〇ありますね。ヒョウモンは縦に4列くらいに分かれているので、それよりは粗い(弱い?)感じがします。

>末端の趾下板3~4枚は分割されない

〇4か5枚に見えるのでこれも概ね論文通り。

>後肢第4趾の趾下板は20~23

×どこまでを趾下板とするかが微妙ですが、17くらいに見えます。

この個体はヒョウモンの範疇になってしまいます。

 

上トルクメニクス、下ヒョウモン(亜種不明CB)


>第一下唇板は後頤板と接触しない(ヒョウモンは接触する)

×トルクメニクスはがっつり接触していますね。

一方同じく飼育個体のヒョウモンは接触していません。

どういうことでしょう??各種資料と実際の特徴が逆転しています。

他の飼育個体やネット上のヒョウモン・トルクメニクスの画像を確認してみましたが、やはり同様でした。

>頤板(下あごの先端の鱗)は前後長<幅(ヒョウモンは前後長>幅)

〇これはその通りですね。

 

>吻端板の幅は前後長の1.5倍(ヒョウモンより若干狭い)

〇これも記載通り。

 

>睫板は54~55

△写真が不明瞭ですが大体44前後くらいに見えます。

ヒョウモンの範疇にはなります。

ただ、ヒョウモンの場合は46~57とバラツキがあるのに対して、幅が狭すぎるのが気になります。サンプルが少なすぎるのではないでしょうか。

 

>背面の疣状鱗は尖り、疣状鱗同士の間隔は広い

〇微妙ですがヒョウモンよりは間隔が広いような気はします。

>背面の暗色斑は横帯を形成する

〇ただしいわゆる原種系ヒョウモンにも似たような模様の個体がいます。

>四肢には暗色斑が点在する

〇ただしヒョウモンも(略)。

>背面はピンクがかった白色

〇まあ見る場所によっては。

 

>頭部には不規則な暗色斑

〇まあこれは同属のほとんどの種が当てはまりますね。

 

結論

トルクメニスタントカゲモドキ(トルクメニクス)っぽい特徴は備えているが、交雑の可能性あり。

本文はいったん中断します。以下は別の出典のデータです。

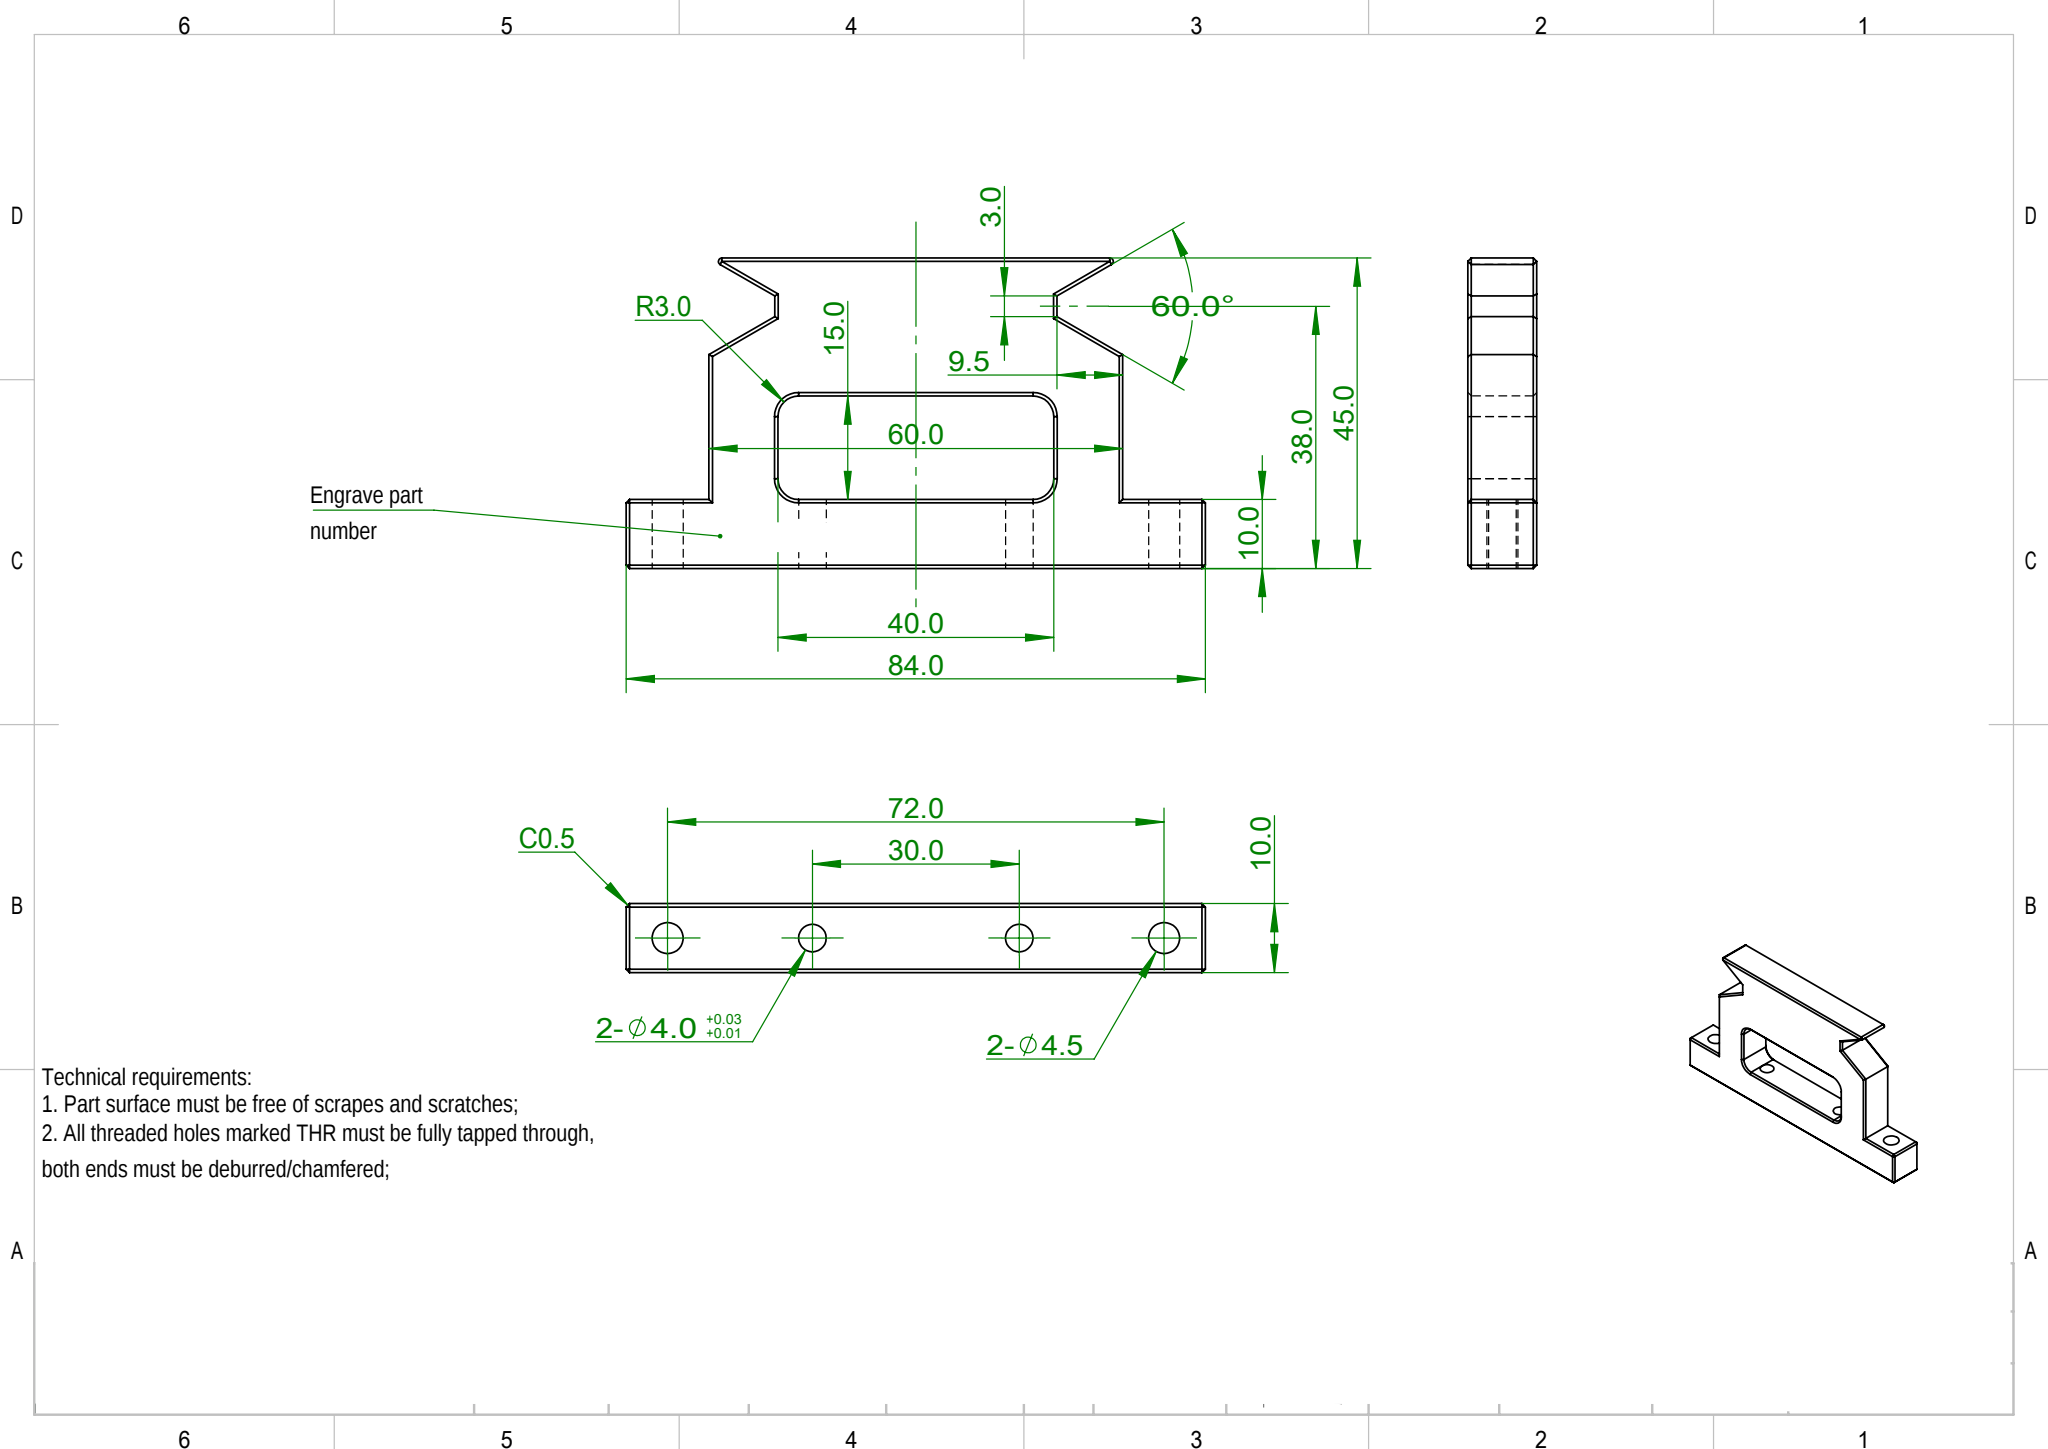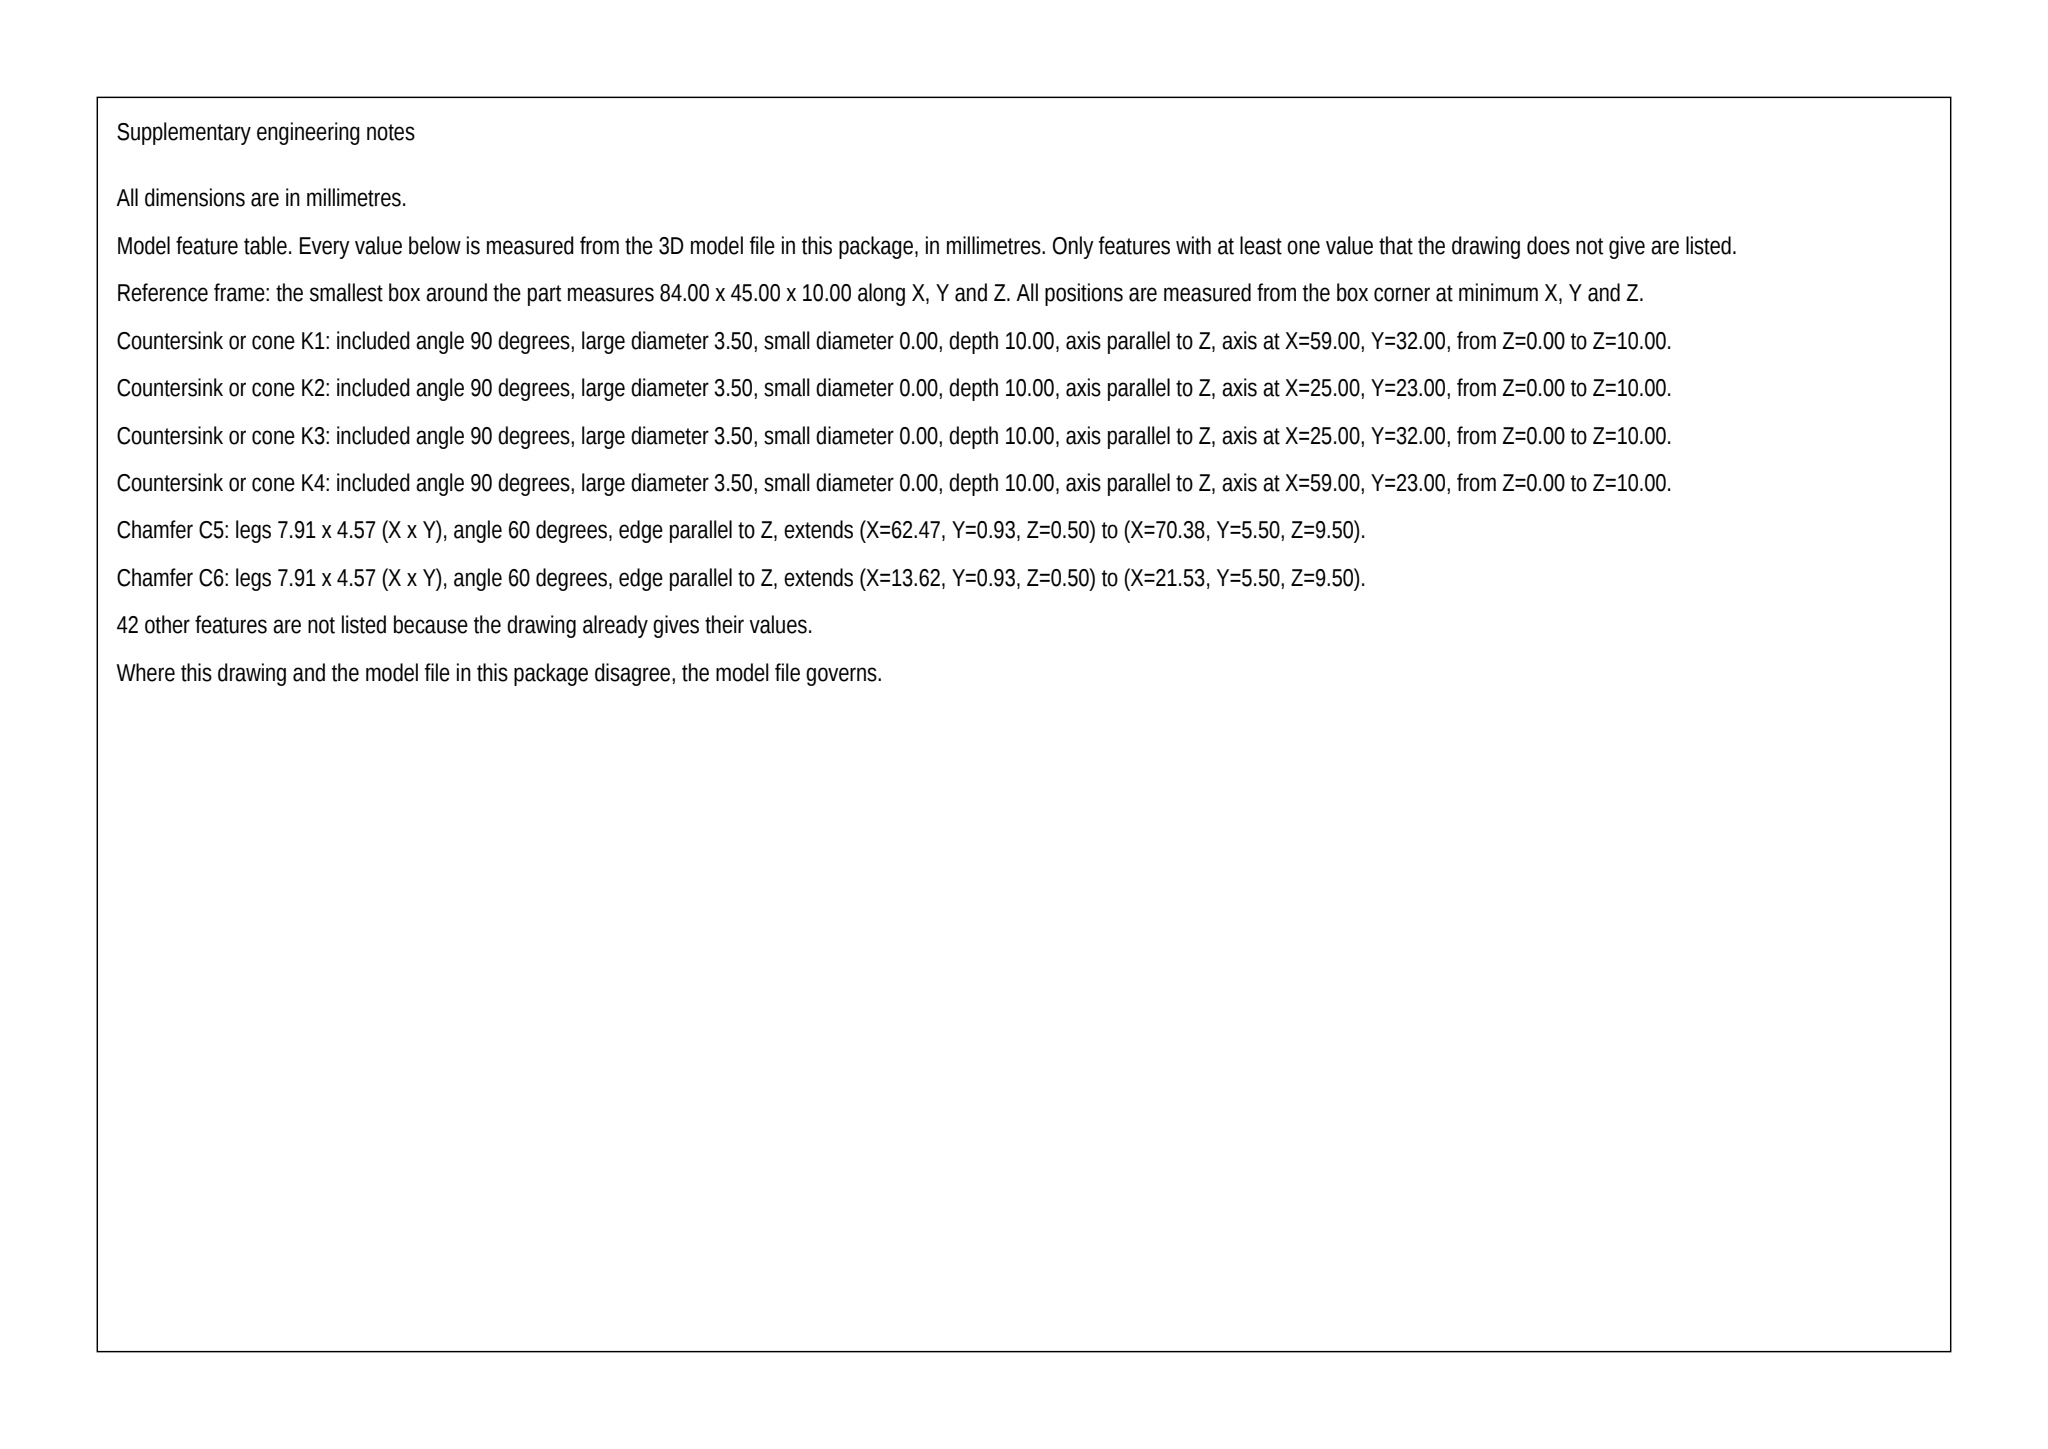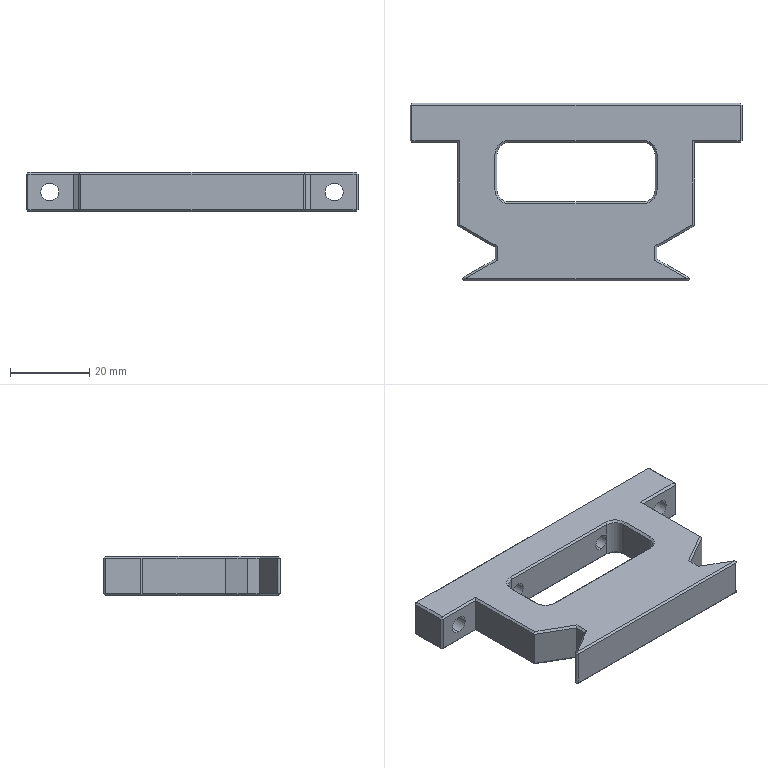Part | SolidWorks | mm | 1 solid | 97 faces | box 84 x 45 x 10 mm | volume 21177 mm3 | plane 68 | cylinder 15 | cone 14 | commonest cylinder face diameters 4 x4 4.5 x4 6 x4 1 x3

トルクメニスタントカゲモドキとヒョウモンが別種だとした前提

 

第一下唇板だけが引っ掛かりますね。大元のサンプルが逆になってるとかそういうことはないんでしょうか?

 

 

……なんともすっきりしない結果ですが、趣味の飼育なのでトルクメニクスっぽいトカゲモドキということで十分なのではないでしょうか!?